In a 1-gallon stockpot over medium heat, combine all the ingredients. Simmer the sauce for 30 minutes.

Remove the cinnamon stick.

Strain the sauce through a fine sieve and then place it back in the pot. Place the pot in a container or a sink filled with ice water. Stir to dissipate the heat.

When the sauce is cool, place it in a plastic container with a lid and refrigerate.

This sauce will last up to 2 weeks when refrigerated.


It was a pleasure to cook with Isaac Hayes at his restaurant, Isaac Hayes music, food, passion. He explained to me that when you make this dessert for your significant other, not only will the bananas be blazing, but she will be, too! You can tell that Isaac is a real ladies' man.

Serves 4

2 tablespoons unsalted butter
2 bananas, split lengthwise and cut in half
1/2 cup maple syrup
1 cup raisins
1 1/2 teaspoons ground nutmeg
1 tablespoon ground cinnamon
1 cup cognac
4 scoops vanilla ice cream
1 cup chopped toasted pecans
1 cup shredded coconut
Whipped cream for garnish

Coat a saute pan with cooking spray and heat over medium heat.
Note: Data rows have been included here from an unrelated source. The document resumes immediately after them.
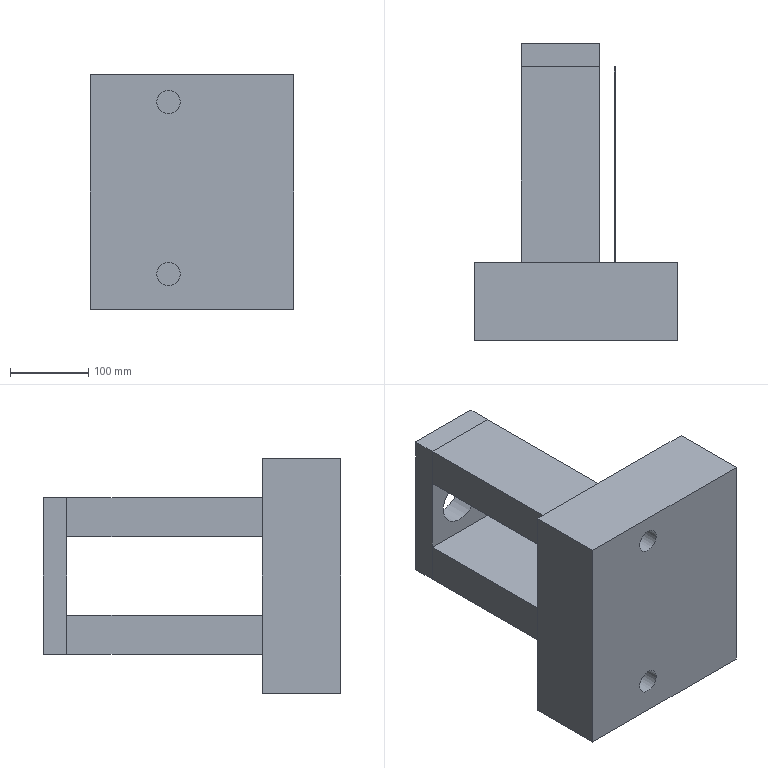Component | NX | LOWER_SUPPORT_SEAT | 2 solids | 31 faces | volume 10758658 mm3 | plane 28 | cylinder 3 | commonest cylinder face diameters 30 x2 60 x1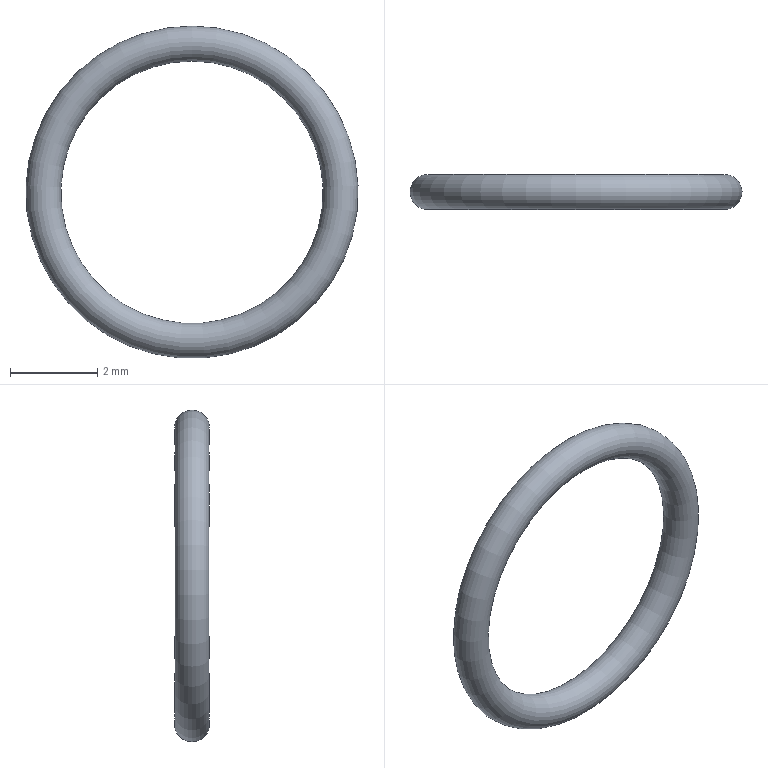Component | NX | O_RING | 1 solid | 1 faces | box 7.6 x 0.8 x 7.6 mm | volume 11 mm3 | torus 1
STEP:
#1=CARTESIAN_POINT('',(0.,0.,0.));
#2=DIRECTION('',(0.,0.,1.));
#3=DIRECTION('',(1.,0.,0.));
#4=AXIS2_PLACEMENT_3D('',#1,#2,#3);
#5=CARTESIAN_POINT('',(13.994,-104.182,3.8));
#6=VERTEX_POINT('',#5);
#7=CARTESIAN_POINT('',(13.994,-104.182,3.4));
#8=DIRECTION('',(-1.,0.,0.));
#9=DIRECTION('',(0.,0.,1.));
#10=AXIS2_PLACEMENT_3D('',#7,#8,#9);
#11=CIRCLE('',#10,0.4);
#12=CARTESIAN_POINT('',(13.994,-104.182,-0.));
#13=DIRECTION('',(0.,1.,0.));
#14=DIRECTION('',(0.,0.,1.));
#15=AXIS2_PLACEMENT_3D('',#12,#13,#14);
#16=TOROIDAL_SURFACE('',#15,3.4,0.4);
#17=CARTESIAN_POINT('',(0.,0.));
#18=DIRECTION('',(0.,1.));
#19=VECTOR('',#18,1.);
#20=LINE('',#17,#19);
#21=(GEOMETRIC_REPRESENTATION_CONTEXT(2)PARAMETRIC_REPRESENTATION_CONTEXT()REPRESENTATION_CONTEXT('',''));
#22=DEFINITIONAL_REPRESENTATION('',(#20),#21);
#23=PCURVE('',#16,#22);
#24=CARTESIAN_POINT('',(6.283,0.));
#25=DIRECTION('',(0.,1.));
#26=VECTOR('',#25,1.);
#27=LINE('',#24,#26);
#28=(GEOMETRIC_REPRESENTATION_CONTEXT(2)PARAMETRIC_REPRESENTATION_CONTEXT()REPRESENTATION_CONTEXT('',''));
#29=DEFINITIONAL_REPRESENTATION('',(#27),#28);
#30=PCURVE('',#16,#29);
#31=SEAM_CURVE('',#11,(#23,#30),.PCURVE_S1.);
#32=EDGE_CURVE('',#6,#6,#31,.T.);
#33=ORIENTED_EDGE('',*,*,#32,.F.);
#34=CARTESIAN_POINT('',(13.994,-104.182,-0.));
#35=DIRECTION('',(0.,1.,0.));
#36=DIRECTION('',(0.,0.,1.));
#37=AXIS2_PLACEMENT_3D('',#34,#35,#36);
#38=CIRCLE('',#37,3.8);
#39=CARTESIAN_POINT('',(0.,0.));
#40=DIRECTION('',(1.,0.));
#41=VECTOR('',#40,1.);
#42=LINE('',#39,#41);
#43=(GEOMETRIC_REPRESENTATION_CONTEXT(2)PARAMETRIC_REPRESENTATION_CONTEXT()REPRESENTATION_CONTEXT('',''));
#44=DEFINITIONAL_REPRESENTATION('',(#42),#43);
#45=PCURVE('',#16,#44);
#46=CARTESIAN_POINT('',(0.,6.283));
#47=DIRECTION('',(1.,0.));
#48=VECTOR('',#47,1.);
#49=LINE('',#46,#48);
#50=(GEOMETRIC_REPRESENTATION_CONTEXT(2)PARAMETRIC_REPRESENTATION_CONTEXT()REPRESENTATION_CONTEXT('',''));
#51=DEFINITIONAL_REPRESENTATION('',(#49),#50);
#52=PCURVE('',#16,#51);
#53=SEAM_CURVE('',#38,(#45,#52),.PCURVE_S1.);
#54=EDGE_CURVE('',#6,#6,#53,.T.);
#55=ORIENTED_EDGE('',*,*,#54,.T.);
#56=ORIENTED_EDGE('',*,*,#32,.T.);
#57=ORIENTED_EDGE('',*,*,#54,.F.);
#58=EDGE_LOOP('',(#33,#55,#56,#57));
#59=FACE_BOUND('',#58,.T.);
#60=ADVANCED_FACE('',(#59),#16,.T.);
#61=CLOSED_SHELL('',(#60));
#62=MANIFOLD_SOLID_BREP('',#61);
#63=(LENGTH_UNIT()NAMED_UNIT(*)SI_UNIT(.MILLI.,.METRE.));
#64=UNCERTAINTY_MEASURE_WITH_UNIT(LENGTH_MEASURE(0.0000001),#63,'','');
#65=(NAMED_UNIT(*)PLANE_ANGLE_UNIT()SI_UNIT($,.RADIAN.));
#66=(NAMED_UNIT(*)SI_UNIT($,.STERADIAN.)SOLID_ANGLE_UNIT());
#67=(GEOMETRIC_REPRESENTATION_CONTEXT(3)GLOBAL_UNCERTAINTY_ASSIGNED_CONTEXT((#64))GLOBAL_UNIT_ASSIGNED_CONTEXT((#63,#65,#66))REPRESENTATION_CONTEXT('',''));
#68=ADVANCED_BREP_SHAPE_REPRESENTATION('',(#4,#62),#67);

Add the butter to the pan, and when it is hot, add the bananas. Sear then on both sides.

Add the maple syrup and reduce by one-half. Add the raisins, nutmeg, and cinnamon. Cook for 1 minute. Add the cognac and carefully flame off the alcohol.

Spoon the blazed bananas into 4 serving bowls. Place a scoop of ice cream on each serving.

Sprinkle the pecans and shredded coconut over each scoop of ice cream. Spoon the remaining sauce on top. Place a spoonful of whipped cream on top of everything and enjoy!


Cooking the salmon on cedar planks is the method I use to infuse the great flavor of the cedar into the salmon. The wood needs to be soaked in water overnight to prevent it from catching fire. The cedar will smolder to create a smokehouse with your grill. Make sure the wood is not Wolmanized or treated.

Serves 4

1 cup honey
1/2 cup balsamic vinegar
1 cup dijon mustard
4 pieces cedar planks, 5 x 8 inches, soaked in water overnight
Four 8-ounce salmon fillets
Salt and black pepper to taste

Prepare an outdoor grill.

In a medium mixing bowl, whisk together the honey, vinegar, and mustard.

Place the soaked cedar planks on the grill grates.

Place the salmon fillets on the cedar planks. Brush with the honey-mustard glaze. Season with salt and pepper. Close the lid on the grill.

Watch the planks carefully to make sure they do not catch on fire.

Be careful when you lift the lid not to breathe in the smoke.

Rotate the planks if necessary.

Glaze the fillets 3 or 4 times before they are completely cooked, which should take 8-10 minutes.

Use a spatula to remove the salmon from the cedar planks. If not burned too badly, the cedar may be reused.

Cedar-smoked salmon is best served with grilled vegetables.